И он ринулся к выходу. Медь смеялась, лежа на постели и положив руки под голову. Ее черные глаза отражали блики газового света, крепкие красивые зубы поблескивали в полутьме. Афанарел все еще стоял в замешательстве, однако, когда он услышал громкое рыгание Иоанчика, его испещренное морщинами, словно лист пергамента, лицо окончательно разгладилось.

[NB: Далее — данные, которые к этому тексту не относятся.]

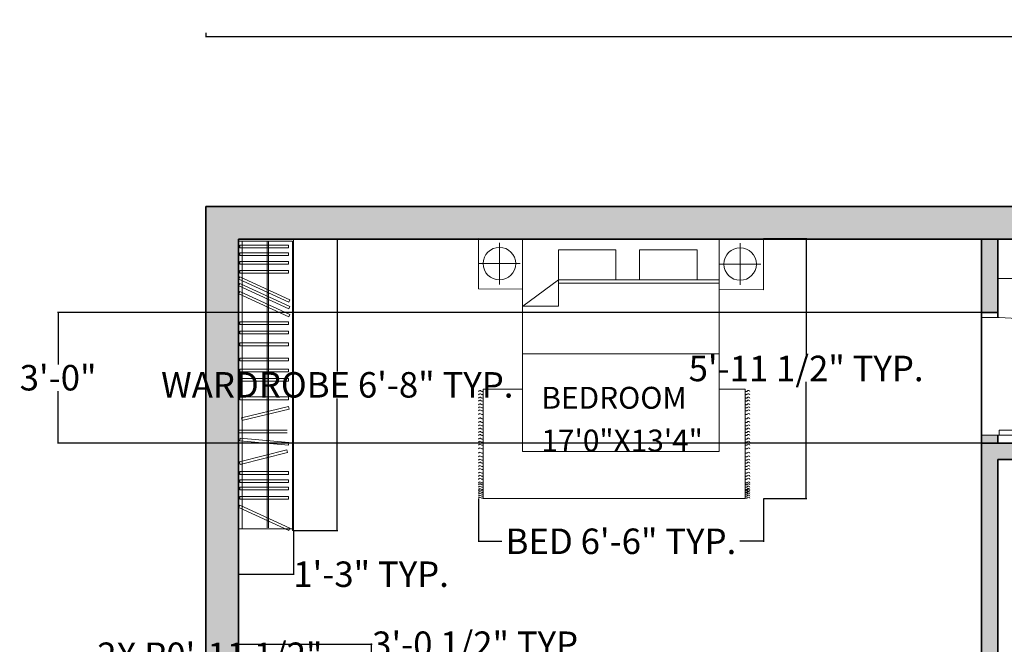
# Model space of a CAD drawing. Units: inches. Extents: x 1319 to 2030, y 219 to 1069.
# Tile 25 of 28: x 1319 to 1589, y 835 to 1007. Entities that reach past the tile are written whole.
import ezdxf

# ---------------------------------------------------------------- set-up
doc = ezdxf.new("R2010")
doc.units = ezdxf.units.IN
doc.header["$MEASUREMENT"] = 0
doc.layers.get('0').update_dxf_attribs({"color": 12})
for name, color, linetype, lineweight in [('A-ANNO-DIMS', 2, 'Continuous', 18), ('A-AREA-IDEN', 250, 'Continuous', 18), ('A-WALL-PATT', 252, 'Continuous', 13), ('C-PROP', 7, 'Continuous', 35), ('closet', 252, 'Continuous', 18), ('doors', 252, 'Continuous', 18), ('furniture', 250, 'Continuous', 18), ('walls', 250, 'Continuous', 35)]:
    doc.layers.add(name, color=color, linetype=linetype, lineweight=lineweight)
doc.styles.get("Standard").update_dxf_attribs({"font": 'arial.ttf'})
doc.dimstyles.get("Standard").update_dxf_attribs({"dimtxt": 7, "dimasz": 0.18, "dimexe": 0.18, "dimexo": 0.0625, "dimgap": 0.09, "dimtad": 0, "dimtih": 1, "dimtoh": 1, "dimzin": 0, "dimdsep": 46, "dimlunit": 3, "dimtxsty": 'Standard', "dimcen": 0.09, "dimadec": 0, "dimazin": 0, "dimtfac": 1, "dimtofl": 0, "dimtmove": 0, "dimatfit": 3, "dimfxl": 1, "dimtolj": 1, "dimtzin": 0, "dimarcsym": 0})

# ---------------------------------------------------------------- blocks, each defined once
blk = doc.blocks.new('*U2')
for p, q in [((0, 0), (0, -6)), ((40, 0), (40, -6))]:
    blk.add_line(p, q)
blk.add_lwpolyline([(0, 0), (0, 40), (1.75, 40), (1.75, 0)], close=True)
blk.add_arc((0, 0), 40, 0, 90)
blk = doc.blocks.new('CARPET')
at = {"layer": 'furniture'}
for p, q in [((-51.53, -98.11), (-51.53, -55.12)), ((-51.53, -55.12), (-41.27, -55.12)), ((36, -55.12), (51.55, -55.12)), ((51.55, -55.12), (51.55, -98.11)), ((51.55, -98.11), (-51.53, -98.11))]:
    blk.add_line(p, q, dxfattribs=at)
for points, knots in [([(-53.37, -55.99), (-53.22, -55.8), (-52.9, -55.41), (-52.34, -55.8), (-51.89, -56.08), (-51.65, -55.91), (-51.53, -55.83)], [0, 0, 0, 0, 0.653278, 1.290138, 1.740457, 2.114451, 2.114451, 2.114451, 2.114451]), ([(-53.37, -57.26), (-53.22, -57.07), (-52.9, -56.67), (-52.34, -57.07), (-51.89, -57.35), (-51.65, -57.17), (-51.53, -57.1)], [0, 0, 0, 0, 0.653278, 1.290138, 1.740457, 2.114451, 2.114451, 2.114451, 2.114451]), ([(53.37, -55.99), (53.22, -55.8), (52.9, -55.41), (52.34, -55.8), (51.89, -56.08), (51.65, -55.91), (51.53, -55.83)], [0, 0, 0, 0, 0.653278, 1.290138, 1.740457, 2.114451, 2.114451, 2.114451, 2.114451]), ([(53.37, -57.26), (53.22, -57.07), (52.9, -56.67), (52.34, -57.07), (51.89, -57.35), (51.65, -57.17), (51.53, -57.1)], [0, 0, 0, 0, 0.653278, 1.290138, 1.740457, 2.114451, 2.114451, 2.114451, 2.114451]), ([(-53.37, -58.59), (-53.22, -58.4), (-52.9, -58.01), (-52.34, -58.4), (-51.89, -58.68), (-51.65, -58.5), (-51.53, -58.43)], [0, 0, 0, 0, 0.653278, 1.290138, 1.740457, 2.114451, 2.114451, 2.114451, 2.114451]), ([(-53.37, -59.78), (-53.22, -59.58), (-52.9, -59.19), (-52.34, -59.58), (-51.89, -59.86), (-51.65, -59.69), (-51.53, -59.61)], [0, 0, 0, 0, 0.653278, 1.290138, 1.740457, 2.114451, 2.114451, 2.114451, 2.114451]), ([(-53.37, -61.22), (-53.22, -61.02), (-52.9, -60.63), (-52.34, -61.02), (-51.89, -61.3), (-51.65, -61.13), (-51.53, -61.05)], [0, 0, 0, 0, 0.653278, 1.290138, 1.740457, 2.114451, 2.114451, 2.114451, 2.114451]), ([(53.37, -58.59), (53.22, -58.4), (52.9, -58.01), (52.34, -58.4), (51.89, -58.68), (51.65, -58.5), (51.53, -58.43)], [0, 0, 0, 0, 0.653278, 1.290138, 1.740457, 2.114451, 2.114451, 2.114451, 2.114451]), ([(53.37, -59.78), (53.22, -59.58), (52.9, -59.19), (52.34, -59.58), (51.89, -59.86), (51.65, -59.69), (51.53, -59.61)], [0, 0, 0, 0, 0.653278, 1.290138, 1.740457, 2.114451, 2.114451, 2.114451, 2.114451]), ([(53.37, -61.22), (53.22, -61.02), (52.9, -60.63), (52.34, -61.02), (51.89, -61.3), (51.65, -61.13), (51.53, -61.05)], [0, 0, 0, 0, 0.653278, 1.290138, 1.740457, 2.114451, 2.114451, 2.114451, 2.114451]), ([(-53.37, -62.44), (-53.22, -62.25), (-52.9, -61.86), (-52.34, -62.25), (-51.89, -62.53), (-51.65, -62.36), (-51.53, -62.28)], [0, 0, 0, 0, 0.653278, 1.290138, 1.740457, 2.114451, 2.114451, 2.114451, 2.114451]), ([(-53.37, -63.63), (-53.22, -63.43), (-52.9, -63.04), (-52.34, -63.43), (-51.89, -63.72), (-51.65, -63.54), (-51.53, -63.46)], [0, 0, 0, 0, 0.653278, 1.290138, 1.740457, 2.114451, 2.114451, 2.114451, 2.114451]), ([(-53.37, -65.07), (-53.22, -64.87), (-52.9, -64.48), (-52.34, -64.87), (-51.89, -65.15), (-51.65, -64.98), (-51.53, -64.9)], [0, 0, 0, 0, 0.653278, 1.290138, 1.740457, 2.114451, 2.114451, 2.114451, 2.114451]), ([(53.37, -62.44), (53.22, -62.25), (52.9, -61.86), (52.34, -62.25), (51.89, -62.53), (51.65, -62.36), (51.53, -62.28)], [0, 0, 0, 0, 0.653278, 1.290138, 1.740457, 2.114451, 2.114451, 2.114451, 2.114451]), ([(53.37, -63.63), (53.22, -63.43), (52.9, -63.04), (52.34, -63.43), (51.89, -63.72), (51.65, -63.54), (51.53, -63.46)], [0, 0, 0, 0, 0.653278, 1.290138, 1.740457, 2.114451, 2.114451, 2.114451, 2.114451]), ([(53.37, -65.07), (53.22, -64.87), (52.9, -64.48), (52.34, -64.87), (51.89, -65.15), (51.65, -64.98), (51.53, -64.9)], [0, 0, 0, 0, 0.653278, 1.290138, 1.740457, 2.114451, 2.114451, 2.114451, 2.114451]), ([(-53.37, -66.76), (-53.22, -66.56), (-52.9, -66.17), (-52.34, -66.56), (-51.89, -66.84), (-51.65, -66.67), (-51.53, -66.59)], [0, 0, 0, 0, 0.653278, 1.290138, 1.740457, 2.114451, 2.114451, 2.114451, 2.114451]), ([(-53.37, -68.2), (-53.22, -68), (-52.9, -67.61), (-52.34, -68), (-51.89, -68.28), (-51.65, -68.11), (-51.53, -68.03)], [0, 0, 0, 0, 0.653278, 1.290138, 1.740457, 2.114451, 2.114451, 2.114451, 2.114451]), ([(-53.37, -69.53), (-53.22, -69.33), (-52.9, -68.94), (-52.34, -69.33), (-51.89, -69.61), (-51.65, -69.44), (-51.53, -69.36)], [0, 0, 0, 0, 0.653278, 1.290138, 1.740457, 2.114451, 2.114451, 2.114451, 2.114451]), ([(53.37, -66.76), (53.22, -66.56), (52.9, -66.17), (52.34, -66.56), (51.89, -66.84), (51.65, -66.67), (51.53, -66.59)], [0, 0, 0, 0, 0.653278, 1.290138, 1.740457, 2.114451, 2.114451, 2.114451, 2.114451]), ([(53.37, -68.2), (53.22, -68), (52.9, -67.61), (52.34, -68), (51.89, -68.28), (51.65, -68.11), (51.53, -68.03)], [0, 0, 0, 0, 0.653278, 1.290138, 1.740457, 2.114451, 2.114451, 2.114451, 2.114451]), ([(53.37, -69.53), (53.22, -69.33), (52.9, -68.94), (52.34, -69.33), (51.89, -69.61), (51.65, -69.44), (51.53, -69.36)], [0, 0, 0, 0, 0.653278, 1.290138, 1.740457, 2.114451, 2.114451, 2.114451, 2.114451]), ([(-53.37, -70.79), (-53.22, -70.6), (-52.9, -70.21), (-52.34, -70.6), (-51.89, -70.88), (-51.65, -70.7), (-51.53, -70.63)], [0, 0, 0, 0, 0.653278, 1.290138, 1.740457, 2.114451, 2.114451, 2.114451, 2.114451]), ([(-53.37, -72.12), (-53.22, -71.93), (-52.9, -71.54), (-52.34, -71.93), (-51.89, -72.21), (-51.65, -72.04), (-51.53, -71.96)], [0, 0, 0, 0, 0.653278, 1.290138, 1.740457, 2.114451, 2.114451, 2.114451, 2.114451]), ([(-53.37, -73.31), (-53.22, -73.11), (-52.9, -72.72), (-52.34, -73.11), (-51.89, -73.4), (-51.65, -73.22), (-51.53, -73.14)], [0, 0, 0, 0, 0.653278, 1.290138, 1.740457, 2.114451, 2.114451, 2.114451, 2.114451]), ([(53.37, -70.79), (53.22, -70.6), (52.9, -70.21), (52.34, -70.6), (51.89, -70.88), (51.65, -70.7), (51.53, -70.63)], [0, 0, 0, 0, 0.653278, 1.290138, 1.740457, 2.114451, 2.114451, 2.114451, 2.114451]), ([(53.37, -72.12), (53.22, -71.93), (52.9, -71.54), (52.34, -71.93), (51.89, -72.21), (51.65, -72.04), (51.53, -71.96)], [0, 0, 0, 0, 0.653278, 1.290138, 1.740457, 2.114451, 2.114451, 2.114451, 2.114451]), ([(53.37, -73.31), (53.22, -73.11), (52.9, -72.72), (52.34, -73.11), (51.89, -73.4), (51.65, -73.22), (51.53, -73.14)], [0, 0, 0, 0, 0.653278, 1.290138, 1.740457, 2.114451, 2.114451, 2.114451, 2.114451]), ([(-53.37, -74.75), (-53.22, -74.55), (-52.9, -74.16), (-52.34, -74.55), (-51.89, -74.83), (-51.65, -74.66), (-51.53, -74.58)], [0, 0, 0, 0, 0.653278, 1.290138, 1.740457, 2.114451, 2.114451, 2.114451, 2.114451]), ([(-53.37, -75.98), (-53.22, -75.78), (-52.9, -75.39), (-52.34, -75.78), (-51.89, -76.06), (-51.65, -75.89), (-51.53, -75.81)], [0, 0, 0, 0, 0.653278, 1.290138, 1.740457, 2.114451, 2.114451, 2.114451, 2.114451]), ([(-53.37, -77.16), (-53.22, -76.96), (-52.9, -76.57), (-52.34, -76.96), (-51.89, -77.25), (-51.65, -77.07), (-51.53, -76.99)], [0, 0, 0, 0, 0.653278, 1.290138, 1.740457, 2.114451, 2.114451, 2.114451, 2.114451]), ([(53.37, -74.75), (53.22, -74.55), (52.9, -74.16), (52.34, -74.55), (51.89, -74.83), (51.65, -74.66), (51.53, -74.58)], [0, 0, 0, 0, 0.653278, 1.290138, 1.740457, 2.114451, 2.114451, 2.114451, 2.114451]), ([(53.37, -75.98), (53.22, -75.78), (52.9, -75.39), (52.34, -75.78), (51.89, -76.06), (51.65, -75.89), (51.53, -75.81)], [0, 0, 0, 0, 0.653278, 1.290138, 1.740457, 2.114451, 2.114451, 2.114451, 2.114451]), ([(53.37, -77.16), (53.22, -76.96), (52.9, -76.57), (52.34, -76.96), (51.89, -77.25), (51.65, -77.07), (51.53, -76.99)], [0, 0, 0, 0, 0.653278, 1.290138, 1.740457, 2.114451, 2.114451, 2.114451, 2.114451]), ([(-53.37, -78.6), (-53.22, -78.4), (-52.9, -78.01), (-52.34, -78.4), (-51.89, -78.68), (-51.65, -78.51), (-51.53, -78.43)], [0, 0, 0, 0, 0.653278, 1.290138, 1.740457, 2.114451, 2.114451, 2.114451, 2.114451]), ([(-53.37, -80.29), (-53.22, -80.09), (-52.9, -79.7), (-52.34, -80.09), (-51.89, -80.37), (-51.65, -80.2), (-51.53, -80.12)], [0, 0, 0, 0, 0.653278, 1.290138, 1.740457, 2.114451, 2.114451, 2.114451, 2.114451]), ([(-53.37, -81.73), (-53.22, -81.53), (-52.9, -81.14), (-52.34, -81.53), (-51.89, -81.81), (-51.65, -81.64), (-51.53, -81.56)], [0, 0, 0, 0, 0.653278, 1.290138, 1.740457, 2.114451, 2.114451, 2.114451, 2.114451]), ([(53.37, -78.6), (53.22, -78.4), (52.9, -78.01), (52.34, -78.4), (51.89, -78.68), (51.65, -78.51), (51.53, -78.43)], [0, 0, 0, 0, 0.653278, 1.290138, 1.740457, 2.114451, 2.114451, 2.114451, 2.114451]), ([(53.37, -80.29), (53.22, -80.09), (52.9, -79.7), (52.34, -80.09), (51.89, -80.37), (51.65, -80.2), (51.53, -80.12)], [0, 0, 0, 0, 0.653278, 1.290138, 1.740457, 2.114451, 2.114451, 2.114451, 2.114451]), ([(53.37, -81.73), (53.22, -81.53), (52.9, -81.14), (52.34, -81.53), (51.89, -81.81), (51.65, -81.64), (51.53, -81.56)], [0, 0, 0, 0, 0.653278, 1.290138, 1.740457, 2.114451, 2.114451, 2.114451, 2.114451]), ([(-53.37, -83.06), (-53.22, -82.86), (-52.9, -82.47), (-52.34, -82.86), (-51.89, -83.14), (-51.65, -82.97), (-51.53, -82.89)], [0, 0, 0, 0, 0.653278, 1.290138, 1.740457, 2.114451, 2.114451, 2.114451, 2.114451]), ([(-53.37, -84.18), (-53.22, -83.99), (-52.9, -83.6), (-52.34, -83.99), (-51.89, -84.27), (-51.65, -84.09), (-51.53, -84.02)], [0, 0, 0, 0, 0.653278, 1.290138, 1.740457, 2.114451, 2.114451, 2.114451, 2.114451]), ([(-53.37, -85.51), (-53.22, -85.32), (-52.9, -84.93), (-52.34, -85.32), (-51.89, -85.6), (-51.65, -85.42), (-51.53, -85.35)], [0, 0, 0, 0, 0.653278, 1.290138, 1.740457, 2.114451, 2.114451, 2.114451, 2.114451]), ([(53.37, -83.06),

– А он милый, – сказал археолог.
– Дурак он, – сказала Медь. – И вообще, непонятно, священник он или нет. Но руками неплохо работает и вообще забавный.
– Считай, что тебе повезло, – сказал Афанарел. – Пойду принесу «Куэнтро». А ты все-таки не спеши. Вдруг тебе Анжель больше понравится.
– Конечно, – согласилась Медь.
Аббат опять замаячил у входа.
– Можно войти? – спросил он.
– Разумеется, – сказал Афанарел и пропустил Иоанчика в палатку, а затем вышел, прихватив с собой бутылку с нефтью.
Аббат уселся на складной парусиновый стул.
– Я не буду садиться рядом с вами, а то от меня блевотиной тянет, – объяснил он. – У меня ботинки с пряжками и те запачкались. Стыд какой. А сколько вам лет?
– Двадцать, – ответила Медь.
– Слишком много, – сказал аббат. – Скажите «три».
– Три.
Аббат снова схватился за четки и стал перебирать их со скоростью автомата для чистки горошка. Афанарел вернулся как раз в ту минуту, когда тот заканчивал последнюю молитву.
– А! – воскликнул аббат. – Посмотрим, удастся ли мне удержать в себе ликер.
– Ну что вы такое говорите! – поморщилась Медь.
– Извините, – сказал аббат, – но довольно трудно удерживаться на волне высокой духовности, особенно когда тебя только что вырвало.
– Безусловно, – согласилась Медь.
– Очень точно подмечено, – кивнул Афанарел.
– Так что давайте выпьем, – сказал аббат. – А потом я пойду искать Клода Леона.
– Может быть, нам стоит пойти с вами?
– Но… – Аббат замешкался. – А спать вы не собираетесь?
– Мы вообще очень редко спим, – пояснил археолог. – Когда спишь, столько времени теряешь даром!
– Верно, – согласился аббат. – Не понимаю даже, зачем я вам задал этот вопрос, поскольку сам я тоже никогда не сплю. Вообще говоря, мне даже немного обидно: я думал, я один такой. – Он помолчал. – Действительно, обидно. Но терпеть можно. Налейте-ка мне еще «Куэнтро».
– Прошу, – сказал археолог.
– Да… – произнес аббат, рассматривая ликер на свет, – это совсем другое дело. – И пригубил рюмку. – Это, по крайней мере, и во рту подержать приятно. Но после нефти даже и тут чувствуется привкус ослиной мочи. – Он выпил все до дна и пошмыгал носом. – Одно слово, гадость, – сказал он в заключение. – Так мне и надо! Нечего себе индульгенции все время выдавать!
– Плохой ликер? – удивился Афанарел.
– С ликером все в порядке, – сказал Иоанчик. – Только в нем всего сорок три градуса, и баста. Это вам не «Аркебуза» – там девяносто пять, и не чистый спирт. Когда я был священником в Сен-Филип-дю-Руль, я прихожан во время богослужений «Аркебузой» поил. Огненные были богослужения, черт побери!
– Что же вы там не остались? – поинтересовалась Медь.
– Это они меня оттуда выкинули, – вздохнул аббат. – Инспектором назначили. Все равно что уволили!
– Ну, теперь вы хотя бы имеете возможность мир повидать, – сказал Афанарел.
– Да, – согласился аббат. – И я этому очень рад. Пойдемте поищем Клода Леона.
– Пойдемте, – сказал Афанарел.
Медь поднялась с постели. Археолог протянул руку к фонарю и слегка притушил пламя, чтобы тот стал теперь ночником, после чего все трое покинули темную палатку.